Make Changes in the VIEW:

In [3]:
# Make a view, change the view, and display both arrays:

import numpy as np

arr = np.array([1, 2, 3, 4, 5])
x = arr.view()
x[0] = 31

print(arr)
print(x)

[31  2  3  4  5]
[31  2  3  4  5]


NOTE => The original array SHOULD be affected by the changes made to the view.

Check if Array Owns its Data

As mentioned above, copies owns the data, and views does not own the data, but how can we check this?

Every NumPy array has the attribute base that returns None if the array owns the data.
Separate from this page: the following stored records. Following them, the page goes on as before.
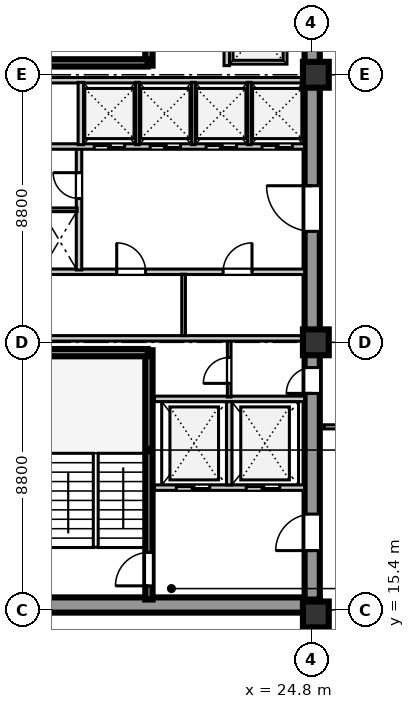
"""IFC4 building model, lengths in metres.
Left out: names, types, materials, properties, quantities, classifications, styles, units other than length and angle.
Written with IfcOpenShell. Run it as: python <this file> out.ifc"""

import sys

from ifc_helpers import new_model, si_unit, direction, frame, frame_2d, origin, origin_2d, place, context, subcontext, project, spatial, rectangle, extrude, element, fill, save


model = new_model("IFC4")
c1 = context("Model", 3, precision=1e-05, world=origin(), true_north=direction((0.0, 1.0)))
c2 = subcontext(c1, "Body", "Model", "MODEL_VIEW")
j1 = project(units=[si_unit("LENGTHUNIT", "METRE"), si_unit("PLANEANGLEUNIT", "RADIAN")], contexts=[c1])
p1 = place(None, origin())
s1 = spatial("IfcSite", under=j1, at=p1, CompositionType="ELEMENT")
p2 = place(p1, origin())
s2 = spatial("IfcBuilding", under=s1, at=p2, CompositionType="ELEMENT")
p3 = place(p2, frame((0.0, 0.0, 119.4)))
s3 = spatial("IfcBuildingStorey", under=s2, at=p3, CompositionType="ELEMENT", Elevation=119.4)
p4 = place(p3, frame((15.4, 15.56, 0.0), z_axis=(0.0, 0.0, 1.0), x_axis=(1.0, 0.0, 0.0)))
e1 = element("IfcWall", 1, at=p4, inside=s3, PredefinedType="SHEAR", context=c2, shape_type="SweptSolid", body=[
    extrude(rectangle(XDim=9.68, YDim=0.5, at=frame_2d((4.84, 0.0))), origin(), (0.0, 0.0, 1.0), 3.6),
])
p5 = place(p3, frame((24.83, 15.74, 0.0), z_axis=(0.0, 0.0, 1.0), x_axis=(0.0, 1.0, 0.0)))
e2 = element("IfcWall", 2, at=p5, inside=s3, PredefinedType="SHEAR", context=c2, shape_type="SweptSolid", body=[
    extrude(rectangle(XDim=25.76, YDim=0.5, at=frame_2d((12.88, 0.0))), origin(), (0.0, 0.0, 1.0), 3.6),
])
p6 = place(p5, frame((1.61, 0.0, 0.0)))
e3 = element("IfcOpeningElement", 3, at=p6, cuts=e2, PredefinedType="OPENING", context=c2, shape_type="SweptSolid", body=[
    extrude(rectangle(XDim=1.2, YDim=2.1, at=frame_2d((0.6, 1.05))), frame((0.0, 0.26, 0.0), z_axis=(0.0, -1.0, 0.0), x_axis=(1.0, 0.0, 0.0)), (0.0, 0.0, 1.0), 0.52),
])
p7 = place(p5, frame((6.78, 0.0, 0.0)))
e4 = element("IfcOpeningElement", 4, at=p7, cuts=e2, PredefinedType="OPENING", context=c2, shape_type="SweptSolid", body=[
    extrude(rectangle(XDim=0.85, YDim=2.06, at=frame_2d((0.425, 1.03))), frame((0.0, 0.26, 0.0), z_axis=(0.0, -1.0, 0.0), x_axis=(1.0, 0.0, 0.0)), (0.0, 0.0, 1.0), 0.52),
])
p8 = place(p5, frame((12.11, 0.0, 0.0)))
e5 = element("IfcOpeningElement", 5, at=p8, cuts=e2, PredefinedType="OPENING", context=c2, shape_type="SweptSolid", body=[
    extrude(rectangle(XDim=1.5, YDim=2.12, at=frame_2d((0.75, 1.06))), frame((0.0, 0.26, 0.0), z_axis=(0.0, -1.0, 0.0), x_axis=(1.0, 0.0, 0.0)), (0.0, 0.0, 1.0), 0.52),
])
p9 = place(p5, frame((20.11, 0.0, 0.0)))
e6 = element("IfcOpeningElement", 6, at=p9, cuts=e2, PredefinedType="OPENING", context=c2, shape_type="SweptSolid", body=[
    extrude(rectangle(XDim=1.2, YDim=2.12, at=frame_2d((0.6, 1.06))), frame((0.0, 0.26, 0.0), z_axis=(0.0, -1.0, 0.0), x_axis=(1.0, 0.0, 0.0)), (0.0, 0.0, 1.0), 0.52),
])
p10 = place(p5, frame((24.01, 0.0, 0.0)))
e7 = element("IfcOpeningElement", 7, at=p10, cuts=e2, PredefinedType="OPENING", context=c2, shape_type="SweptSolid", body=[
    extrude(rectangle(XDim=0.95, YDim=2.1, at=frame_2d((0.475, 1.05))), frame((0.0, 0.26, 0.0), z_axis=(0.0, -1.0, 0.0), x_axis=(1.0, 0.0, 0.0)), (0.0, 0.0, 1.0), 0.52),
])
for number, where, z_axis, x_axis in (
    (8, (24.95, 15.25, 0.0), (0.0, 0.0, 1.0), (1.0, 0.0, 0.0)),
    (9, (24.95, 24.2, 0.0), (0.0, 0.0, 1.0), (1.0, 0.0, 0.0)),
    (10, (24.95, 33.0, 0.0), (0.0, 0.0, 1.0), (1.0, 0.0, 0.0)),
):
    element("IfcColumn", number, at=place(p3, frame(where, z_axis=z_axis, x_axis=x_axis)), inside=s3, PredefinedType="COLUMN", context=c2, shape_type="SweptSolid", body=[
        extrude(rectangle(XDim=0.85, YDim=0.85, at=origin_2d()), origin(), (0.0, 0.0, 1.0), 3.6),
    ])
p11 = place(p3, frame((19.46, 15.74, 0.0), z_axis=(0.0, 0.0, 1.0), x_axis=(0.0, 1.0, 0.0)))
e11 = element("IfcWall", 11, at=p11, inside=s3, PredefinedType="SHEAR", context=c2, shape_type="SweptSolid", body=[
    extrude(rectangle(XDim=8.2, YDim=0.24, at=frame_2d((4.1, 0.0))), origin(), (0.0, 0.0, 1.0), 3.85),
])
p12 = place(p11, frame((0.45, 0.0, 0.0)))
e12 = element("IfcOpeningElement", 12, at=p12, cuts=e11, PredefinedType="OPENING", context=c2, shape_type="SweptSolid", body=[
    extrude(rectangle(XDim=1.1, YDim=2.1, at=frame_2d((0.55, 1.05))), frame((0.0, 0.13, 0.0), z_axis=(0.0, -1.0, 0.0), x_axis=(1.0, 0.0, 0.0)), (0.0, 0.0, 1.0), 0.26),
])
p13 = place(p3, frame((15.9, 23.86, 0.0), z_axis=(0.0, 0.0, 1.0), x_axis=(1.0, 0.0, 0.0)))
e13 = element("IfcWall", 13, at=p13, inside=s3, PredefinedType="SHEAR", context=c2, shape_type="SweptSolid", body=[
    extrude(rectangle(XDim=3.52, YDim=0.24, at=frame_2d((1.76, 0.0))), origin(), (0.0, 0.0, 1.0), 3.85),
])
p14 = place(p3, frame((19.64, 19.42, 0.0), z_axis=(0.0, 0.0, 1.0), x_axis=(1.0, 0.0, 0.0)))
e14 = element("IfcWall", 14, at=p14, inside=s3, PredefinedType="SOLIDWALL", context=c2, shape_type="SweptSolid", body=[
    extrude(rectangle(XDim=4.94, YDim=0.18, at=frame_2d((2.47, 0.0))), origin(), (0.0, 0.0, 1.0), 3.6),
])
p15 = place(p14, frame((0.72, 0.0, 0.0)))
e15 = element("IfcOpeningElement", 15, at=p15, cuts=e14, PredefinedType="OPENING", context=c2, shape_type="SweptSolid", body=[
    extrude(rectangle(XDim=1.1, YDim=2.1, at=frame_2d((0.55, 1.05))), frame((0.0, 0.1, 0.0), z_axis=(0.0, -1.0, 0.0), x_axis=(1.0, 0.0, 0.0)), (0.0, 0.0, 1.0), 0.2),
])
p16 = place(p14, frame((3.02, 0.0, 0.0)))
e16 = element("IfcOpeningElement", 16, at=p16, cuts=e14, PredefinedType="OPENING", context=c2, shape_type="SweptSolid", body=[
    extrude(rectangle(XDim=1.1, YDim=2.1, at=frame_2d((0.55, 1.05))), frame((0.0, 0.1, 0.0), z_axis=(0.0, -1.0, 0.0), x_axis=(1.0, 0.0, 0.0)), (0.0, 0.0, 1.0), 0.2),
])
p17 = place(p3, frame((22.1, 19.51, 0.0), z_axis=(0.0, 0.0, 1.0), x_axis=(0.0, 1.0, 0.0)))
e17 = element("IfcWall", 17, at=p17, inside=s3, PredefinedType="SOLIDWALL", context=c2, shape_type="SweptSolid", body=[
    extrude(rectangle(XDim=2.74, YDim=0.18, at=frame_2d((1.37, 0.0))), origin(), (0.0, 0.0, 1.0), 3.6),
])
p18 = place(p3, frame((19.64, 22.34, 0.0), z_axis=(0.0, 0.0, 1.0), x_axis=(1.0, 0.0, 0.0)))
e18 = element("IfcWall", 18, at=p18, inside=s3, PredefinedType="SOLIDWALL", context=c2, shape_type="SweptSolid", body=[
    extrude(rectangle(XDim=4.94, YDim=0.18, at=frame_2d((2.47, 0.0))), origin(), (0.0, 0.0, 1.0), 3.6),
])
p19 = place(p3, frame((22.1, 22.4, 0.0), z_axis=(0.0, 0.0, 1.0), x_axis=(0.0, 1.0, 0.0)))
e19 = element("IfcWall", 19, at=p19, inside=s3, PredefinedType="PARTITIONING", context=c2, shape_type="SweptSolid", body=[
    extrude(rectangle(XDim=1.88, YDim=0.12, at=frame_2d((0.94, 0.0))), origin(), (0.0, 0.0, 1.0), 3.6),
])
p20 = place(p19, frame((0.45, 0.0, 0.0)))
e20 = element("IfcOpeningElement", 20, at=p20, cuts=e19, PredefinedType="OPENING", context=c2, shape_type="SweptSolid", body=[
    extrude(rectangle(XDim=0.85, YDim=2.06, at=frame_2d((0.425, 1.03))), frame((0.0, 0.07, 0.0), z_axis=(0.0, -1.0, 0.0), x_axis=(1.0, 0.0, 0.0)), (0.0, 0.0, 1.0), 0.14),
])
p21 = place(p3, frame((15.9, 26.52, 0.0), z_axis=(0.0, 0.0, 1.0), x_axis=(1.0, 0.0, 0.0)))
e21 = element("IfcWall", 21, at=p21, inside=s3, PredefinedType="SOLIDWALL", context=c2, shape_type="SweptSolid", body=[
    extrude(rectangle(XDim=8.68, YDim=0.18, at=frame_2d((4.34, 0.0))), origin(), (0.0, 0.0, 1.0), 3.6),
])
p22 = place(p21, frame((2.5, 0.0, 0.0)))
e22 = element("IfcOpeningElement", 22, at=p22, cuts=e21, PredefinedType="OPENING", context=c2, shape_type="SweptSolid", body=[
    extrude(rectangle(XDim=0.95, YDim=2.1, at=frame_2d((0.475, 1.05))), frame((0.0, 0.1, 0.0), z_axis=(0.0, -1.0, 0.0), x_axis=(1.0, 0.0, 0.0)), (0.0, 0.0, 1.0), 0.2),
])
p23 = place(p21, frame((6.0, 0.0, 0.0)))
e23 = element("IfcOpeningElement", 23, at=p23, cuts=e21, PredefinedType="OPENING", context=c2, shape_type="SweptSolid", body=[
    extrude(rectangle(XDim=0.95, YDim=2.1, at=frame_2d((0.475, 1.05))), frame((0.0, 0.1, 0.0), z_axis=(0.0, -1.0, 0.0), x_axis=(1.0, 0.0, 0.0)), (0.0, 0.0, 1.0), 0.2),
])
p24 = place(p3, frame((15.9, 24.33, 0.0), z_axis=(0.0, 0.0, 1.0), x_axis=(1.0, 0.0, 0.0)))
e24 = element("IfcWall", 24, at=p24, inside=s3, PredefinedType="SOLIDWALL", context=c2, shape_type="SweptSolid", body=[
    extrude(rectangle(XDim=8.68, YDim=0.18, at=frame_2d((4.34, 0.0))), origin(), (0.0, 0.0, 1.0), 2.95),
])
p25 = place(p3, frame((20.6, 24.42, 0.0), z_axis=(0.0, 0.0, 1.0), x_axis=(0.0, 1.0, 0.0)))
e25 = element("IfcWall", 25, at=p25, inside=s3, PredefinedType="PARTITIONING", context=c2, shape_type="SweptSolid", body=[
    extrude(rectangle(XDim=2.02, YDim=0.12, at=frame_2d((1.01, 0.0))), origin(), (0.0, 0.0, 1.0), 3.6),
])
p26 = place(p3, frame((17.16, 26.58, 0.0), z_axis=(0.0, 0.0, 1.0), x_axis=(0.0, 1.0, 0.0)))
e26 = element("IfcWall", 26, at=p26, inside=s3, PredefinedType="SOLIDWALL", context=c2, shape_type="SweptSolid", body=[
    extrude(rectangle(XDim=4.02, YDim=0.18, at=frame_2d((2.01, 0.0))), origin(), (0.0, 0.0, 1.0), 3.6),
])
p27 = place(p26, frame((2.35, 0.0, 0.0)))
e27 = element("IfcOpeningElement", 27, at=p27, cuts=e26, PredefinedType="OPENING", context=c2, shape_type="SweptSolid", body=[
    extrude(rectangle(XDim=0.85, YDim=2.06, at=frame_2d((0.425, 1.03))), frame((0.0, 0.1, 0.0), z_axis=(0.0, -1.0, 0.0), x_axis=(1.0, 0.0, 0.0)), (0.0, 0.0, 1.0), 0.2),
])
p28 = place(p3, frame((15.9, 28.56, 0.0), z_axis=(0.0, 0.0, 1.0), x_axis=(1.0, 0.0, 0.0)))
e28 = element("IfcWall", 28, at=p28, inside=s3, PredefinedType="PARTITIONING", context=c2, shape_type="SweptSolid", body=[
    extrude(rectangle(XDim=1.2, YDim=0.12, at=frame_2d((0.6, 0.0))), origin(), (0.0, 0.0, 1.0), 3.6),
])
p29 = place(p3, frame((15.9, 30.64, 0.0), z_axis=(0.0, 0.0, 1.0), x_axis=(1.0, 0.0, 0.0)))
e29 = element("IfcWall", 29, at=p29, inside=s3, PredefinedType="SOLIDWALL", context=c2, shape_type="SweptSolid", body=[
    extrude(rectangle(XDim=8.68, YDim=0.18, at=frame_2d((4.34, 0.0))), origin(), (0.0, 0.0, 1.0), 3.6),
])
p30 = place(p29, frame((1.76, 0.0, 0.0)))
e30 = element("IfcOpeningElement", 30, at=p30, cuts=e29, PredefinedType="OPENING", context=c2, shape_type="SweptSolid", body=[
    extrude(rectangle(XDim=1.0, YDim=2.1, at=frame_2d((0.5, 1.05))), frame((0.0, 0.1, 0.0), z_axis=(0.0, -1.0, 0.0), x_axis=(1.0, 0.0, 0.0)), (0.0, 0.0, 1.0), 0.2),
])
p31 = place(p29, frame((3.6, 0.0, 0.0)))
e31 = element("IfcOpeningElement", 31, at=p31, cuts=e29, PredefinedType="OPENING", context=c2, shape_type="SweptSolid", body=[
    extrude(rectangle(XDim=1.0, YDim=2.1, at=frame_2d((0.5, 1.05))), frame((0.0, 0.1, 0.0), z_axis=(0.0, -1.0, 0.0), x_axis=(1.0, 0.0, 0.0)), (0.0, 0.0, 1.0), 0.2),
])
p32 = place(p29, frame((5.44, 0.0, 0.0)))
e32 = element("IfcOpeningElement", 32, at=p32, cuts=e29, PredefinedType="OPENING", context=c2, shape_type="SweptSolid", body=[
    extrude(rectangle(XDim=1.0, YDim=2.1, at=frame_2d((0.5, 1.05))), frame((0.0, 0.1, 0.0), z_axis=(0.0, -1.0, 0.0), x_axis=(1.0, 0.0, 0.0)), (0.0, 0.0, 1.0), 0.2),
])
p33 = place(p29, frame((7.28, 0.0, 0.0)))
e33 = element("IfcOpeningElement", 33, at=p33, cuts=e29, PredefinedType="OPENING", context=c2, shape_type="SweptSolid", body=[
    extrude(rectangle(XDim=1.0, YDim=2.1, at=frame_2d((0.5, 1.05))), frame((0.0, 0.1, 0.0), z_axis=(0.0, -1.0, 0.0), x_axis=(1.0, 0.0, 0.0)), (0.0, 0.0, 1.0), 0.2),
])
p34 = place(p3, frame((15.9, 32.82, 0.0), z_axis=(0.0, 0.0, 1.0), x_axis=(1.0, 0.0, 0.0)))
e34 = element("IfcWall", 34, at=p34, inside=s3, PredefinedType="SOLIDWALL", context=c2, shape_type="SweptSolid", body=[
    extrude(rectangle(XDim=8.68, YDim=0.18, at=frame_2d((4.34, 0.0))), origin(), (0.0, 0.0, 1.0), 2.95),
])
p35 = place(p3, frame((17.22, 30.7, 0.0), z_axis=(0.0, 0.0, 1.0), x_axis=(0.0, 1.0, 0.0)))
e35 = element("IfcWall", 35, at=p35, inside=s3, PredefinedType="SOLIDWALL", context=c2, shape_type="SweptSolid", body=[
    extrude(rectangle(XDim=2.05, YDim=0.18, at=frame_2d((1.025, 0.0))), origin(), (0.0, 0.0, 1.0), 3.6),
])
for number, where, z_axis, x_axis in (
    (36, (19.08, 30.7, 0.0), (0.0, 0.0, 1.0), (0.0, 1.0, 0.0)),
    (37, (20.92, 30.7, 0.0), (0.0, 0.0, 1.0), (0.0, 1.0, 0.0)),
    (38, (22.76, 30.7, 0.0), (0.0, 0.0, 1.0), (0.0, 1.0, 0.0)),
):
    element("IfcWall", number, at=place(p3, frame(where, z_axis=z_axis, x_axis=x_axis)), inside=s3, PredefinedType="PARTITIONING", context=c2, shape_type="SweptSolid", body=[
        extrude(rectangle(XDim=2.05, YDim=0.12, at=frame_2d((1.025, 0.0))), origin(), (0.0, 0.0, 1.0), 3.6),
    ])
p36 = place(p3, frame((19.46, 33.3, 0.0), z_axis=(0.0, 0.0, 1.0), x_axis=(0.0, 1.0, 0.0)))
e39 = element("IfcWall", 39, at=p36, inside=s3, PredefinedType="SHEAR", context=c2, shape_type="SweptSolid", body=[
    extrude(rectangle(XDim=8.18, YDim=0.24, at=frame_2d((4.09, 0.0))), origin(), (0.0, 0.0, 1.0), 3.85),
])
p37 = place(p36, frame((0.65, 0.0, 0.0)))
e40 = element("IfcOpeningElement", 40, at=p37, cuts=e39, PredefinedType="OPENING", context=c2, shape_type="SweptSolid", body=[
    extrude(rectangle(XDim=1.1, YDim=2.1, at=frame_2d((0.55, 1.05))), frame((0.0, 0.13, 0.0), z_axis=(0.0, -1.0, 0.0), x_axis=(1.0, 0.0, 0.0)), (0.0, 0.0, 1.0), 0.26),
])
p38 = place(p3, frame((15.9, 33.39, 0.0), z_axis=(0.0, 0.0, 1.0), x_axis=(1.0, 0.0, 0.0)))
e41 = element("IfcWall", 41, at=p38, inside=s3, PredefinedType="SHEAR", context=c2, shape_type="SweptSolid", body=[
    extrude(rectangle(XDim=3.52, YDim=0.24, at=frame_2d((1.76, 0.0))), origin(), (0.0, 0.0, 1.0), 3.85),
])
p39 = place(p3, frame((22.02, 33.3, 0.0), z_axis=(0.0, 0.0, 1.0), x_axis=(0.0, 1.0, 0.0)))
e42 = element("IfcWall", 42, at=p39, inside=s3, PredefinedType="SOLIDWALL", context=c2, shape_type="SweptSolid", body=[
    extrude(rectangle(XDim=2.01, YDim=0.18, at=frame_2d((1.005, 0.0))), origin(), (0.0, 0.0, 1.0), 3.6),
])
p40 = place(p3, frame((25.22, 21.42, 0.0), z_axis=(0.0, 0.0, 1.0), x_axis=(1.0, 0.0, 0.0)))
e43 = element("IfcWall", 43, at=p40, inside=s3, PredefinedType="PARTITIONING", context=c2, shape_type="SweptSolid", body=[
    extrude(rectangle(XDim=15.6, YDim=0.135, at=frame_2d((7.8, 0.0))), origin(), (0.0, 0.0, 1.0), 3.2),
])
p41 = place(p40, frame((0.73, 0.0, 0.0)))
e44 = element("IfcOpeningElement", 44, at=p41, cuts=e43, PredefinedType="OPENING", context=c2, shape_type="SweptSolid", body=[
    extrude(rectangle(XDim=0.95, YDim=2.1, at=frame_2d((0.475, 1.05))), frame((0.0, 0.078, 0.0), z_axis=(0.0, -1.0, 0.0), x_axis=(1.0, 0.0, 0.0)), (0.0, 0.0, 1.0), 0.155),
])
p42 = place(p40, frame((8.43, 0.0, 0.0)))
e45 = element("IfcOpeningElement", 45, at=p42, cuts=e43, PredefinedType="OPENING", context=c2, shape_type="SweptSolid", body=[
    extrude(rectangle(XDim=0.95, YDim=2.1, at=frame_2d((0.475, 1.05))), frame((0.0, 0.078, 0.0), z_axis=(0.0, -1.0, 0.0), x_axis=(1.0, 0.0, 0.0)), (0.0, 0.0, 1.0), 0.155),
])
p43 = place(p12, origin())
e46 = element("IfcDoor", 46, at=p43, inside=s3, OperationType="SINGLE_SWING_LEFT", PredefinedType="DOOR", context=c2, shape_type="SweptSolid", body=[
    extrude(rectangle(XDim=1.1, YDim=2.1, at=frame_2d((0.55, 1.05))), frame((0.0, 0.025, 0.0), z_axis=(0.0, -1.0, 0.0), x_axis=(1.0, 0.0, 0.0)), (0.0, 0.0, 1.0), 0.05),
])
fill(e12, e46)
p44 = place(p15, origin())
e47 = element("IfcDoor", 47, at=p44, inside=s3, OperationType="DOUBLE_DOOR_SLIDING", PredefinedType="DOOR", context=c2, shape_type="SweptSolid", body=[
    extrude(rectangle(XDim=1.1, YDim=2.1, at=frame_2d((0.55, 1.05))), frame((0.0, 0.025, 0.0), z_axis=(0.0, -1.0, 0.0), x_axis=(1.0, 0.0, 0.0)), (0.0, 0.0, 1.0), 0.05),
])
fill(e15, e47)
p45 = place(p16, origin())
e48 = element("IfcDoor", 48, at=p45, inside=s3, OperationType="DOUBLE_DOOR_SLIDING", PredefinedType="DOOR", context=c2, shape_type="SweptSolid", body=[
    extrude(rectangle(XDim=1.1, YDim=2.1, at=frame_2d((0.55, 1.05))), frame((0.0, 0.025, 0.0), z_axis=(0.0, -1.0, 0.0), x_axis=(1.0, 0.0, 0.0)), (0.0, 0.0, 1.0), 0.05),
])
fill(e16, e48)
p46 = place(p6, frame((1.2, 0.0, 0.0), z_axis=(0.0, 0.0, 1.0), x_axis=(-1.0, 0.0, 0.0)))
e49 = element("IfcDoor", 49, at=p46, inside=s3, OperationType="SINGLE_SWING_RIGHT", PredefinedType="DOOR", context=c2, shape_type="SweptSolid", body=[
    extrude(rectangle(XDim=1.2, YDim=2.1, at=frame_2d((0.6, 1.05))), frame((0.0, 0.025, 0.0), z_axis=(0.0, -1.0, 0.0), x_axis=(1.0, 0.0, 0.0)), (0.0, 0.0, 1.0), 0.05),
])
fill(e3, e49)
p47 = place(p20, origin())
e50 = element("IfcDoor", 50, at=p47, inside=s3, OperationType="SINGLE_SWING_LEFT", PredefinedType="DOOR", context=c2, shape_type="SweptSolid", body=[
    extrude(rectangle(XDim=0.85, YDim=2.06, at=frame_2d((0.425, 1.03))), frame((0.0, 0.025, 0.0), z_axis=(0.0, -1.0, 0.0), x_axis=(1.0, 0.0, 0.0)), (0.0, 0.0, 1.0), 0.05),
])
fill(e20, e50)
p48 = place(p7, frame((0.85, 0.0, 0.0), z_axis=(0.0, 0.0, 1.0), x_axis=(-1.0, 0.0, 0.0)))
e51 = element("IfcDoor", 51, at=p48, inside=s3, OperationType="SINGLE_SWING_RIGHT", PredefinedType="DOOR", context=c2, shape_type="SweptSolid", body=[
    extrude(rectangle(XDim=0.85, YDim=2.06, at=frame_2d((0.425, 1.03))), frame((0.0, 0.025, 0.0), z_axis=(0.0, -1.0, 0.0), x_axis=(1.0, 0.0, 0.0)), (0.0, 0.0, 1.0), 0.05),
])
fill(e4, e51)
p49 = place(p22, origin())
e52 = element("IfcDoor", 52, at=p49, inside=s3, OperationType="SINGLE_SWING_LEFT", PredefinedType="DOOR", context=c2, shape_type="SweptSolid", body=[
    extrude(rectangle(XDim=0.95, YDim=2.1, at=frame_2d((0.475, 1.05))), frame((0.0, 0.025, 0.0), z_axis=(0.0, -1.0, 0.0), x_axis=(1.0, 0.0, 0.0)), (0.0, 0.0, 1.0), 0.05),
])
fill(e22, e52)
p50 = place(p23, origin())
e53 = element("IfcDoor", 53, at=p50, inside=s3, OperationType="SINGLE_SWING_RIGHT", PredefinedType="DOOR", context=c2, shape_type="SweptSolid", body=[
    extrude(rectangle(XDim=0.95, YDim=2.1, at=frame_2d((0.475, 1.05))), frame((0.0, 0.025, 0.0), z_axis=(0.0, -1.0, 0.0), x_axis=(1.0, 0.0, 0.0)), (0.0, 0.0, 1.0), 0.05),
])
fill(e23, e53)
p51 = place(p27, origin())
e54 = element("IfcDoor", 54, at=p51, inside=s3, OperationType="SINGLE_SWING_RIGHT", PredefinedType="DOOR", context=c2, shape_type="SweptSolid", body=[
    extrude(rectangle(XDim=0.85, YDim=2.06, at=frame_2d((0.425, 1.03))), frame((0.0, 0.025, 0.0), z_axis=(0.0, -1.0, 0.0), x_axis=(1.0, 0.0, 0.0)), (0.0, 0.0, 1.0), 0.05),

Otherwise, the base  attribute refers to the original object.

In [4]:
# Print the value of the base attribute to check if an array owns it's data or not:

import numpy as np

arr = np.array([1, 2, 3, 4, 5])

x = arr.copy()
y = arr.view()

print(x.base)
print(y.base)

None
[1 2 3 4 5]


NOTE => The copy returns None.
The view returns the original array.

NumPy Array Shape

Shape of an Array
The shape of an array is the number of elements in each dimension.

Get the Shape of an Array
NumPy arrays have an attribute called shape that returns a tuple with each index having the number of corresponding elements.

In [5]:
# Print the shape of a 2-D array:

import numpy as np

arr = np.array([[1, 2, 3, 4], [5, 6, 7, 8]])

print(arr.shape)

(2, 4)


The example above returns (2, 4), which means that the array has 2 dimensions, where the first dimension has 2 elements and the second has 4.

In [6]:
# Create an array with 5 dimensions using ndmin using a vector with values 1,2,3,4 and verify that last dimension has value 4:

import numpy as np

arr = np.array([1, 2, 3, 4], ndmin=5)

print(arr)
print('shape of array :', arr.shape)

[[[[[1 2 3 4]]]]]
shape of array : (1, 1, 1, 1, 4)


What does the shape tuple represent?
Integers at every index tells about the number of elements the corresponding dimension has.

In the example above at index-4 we have value 4, so we can say that 5th ( 4 + 1 th) dimension has 4 elements.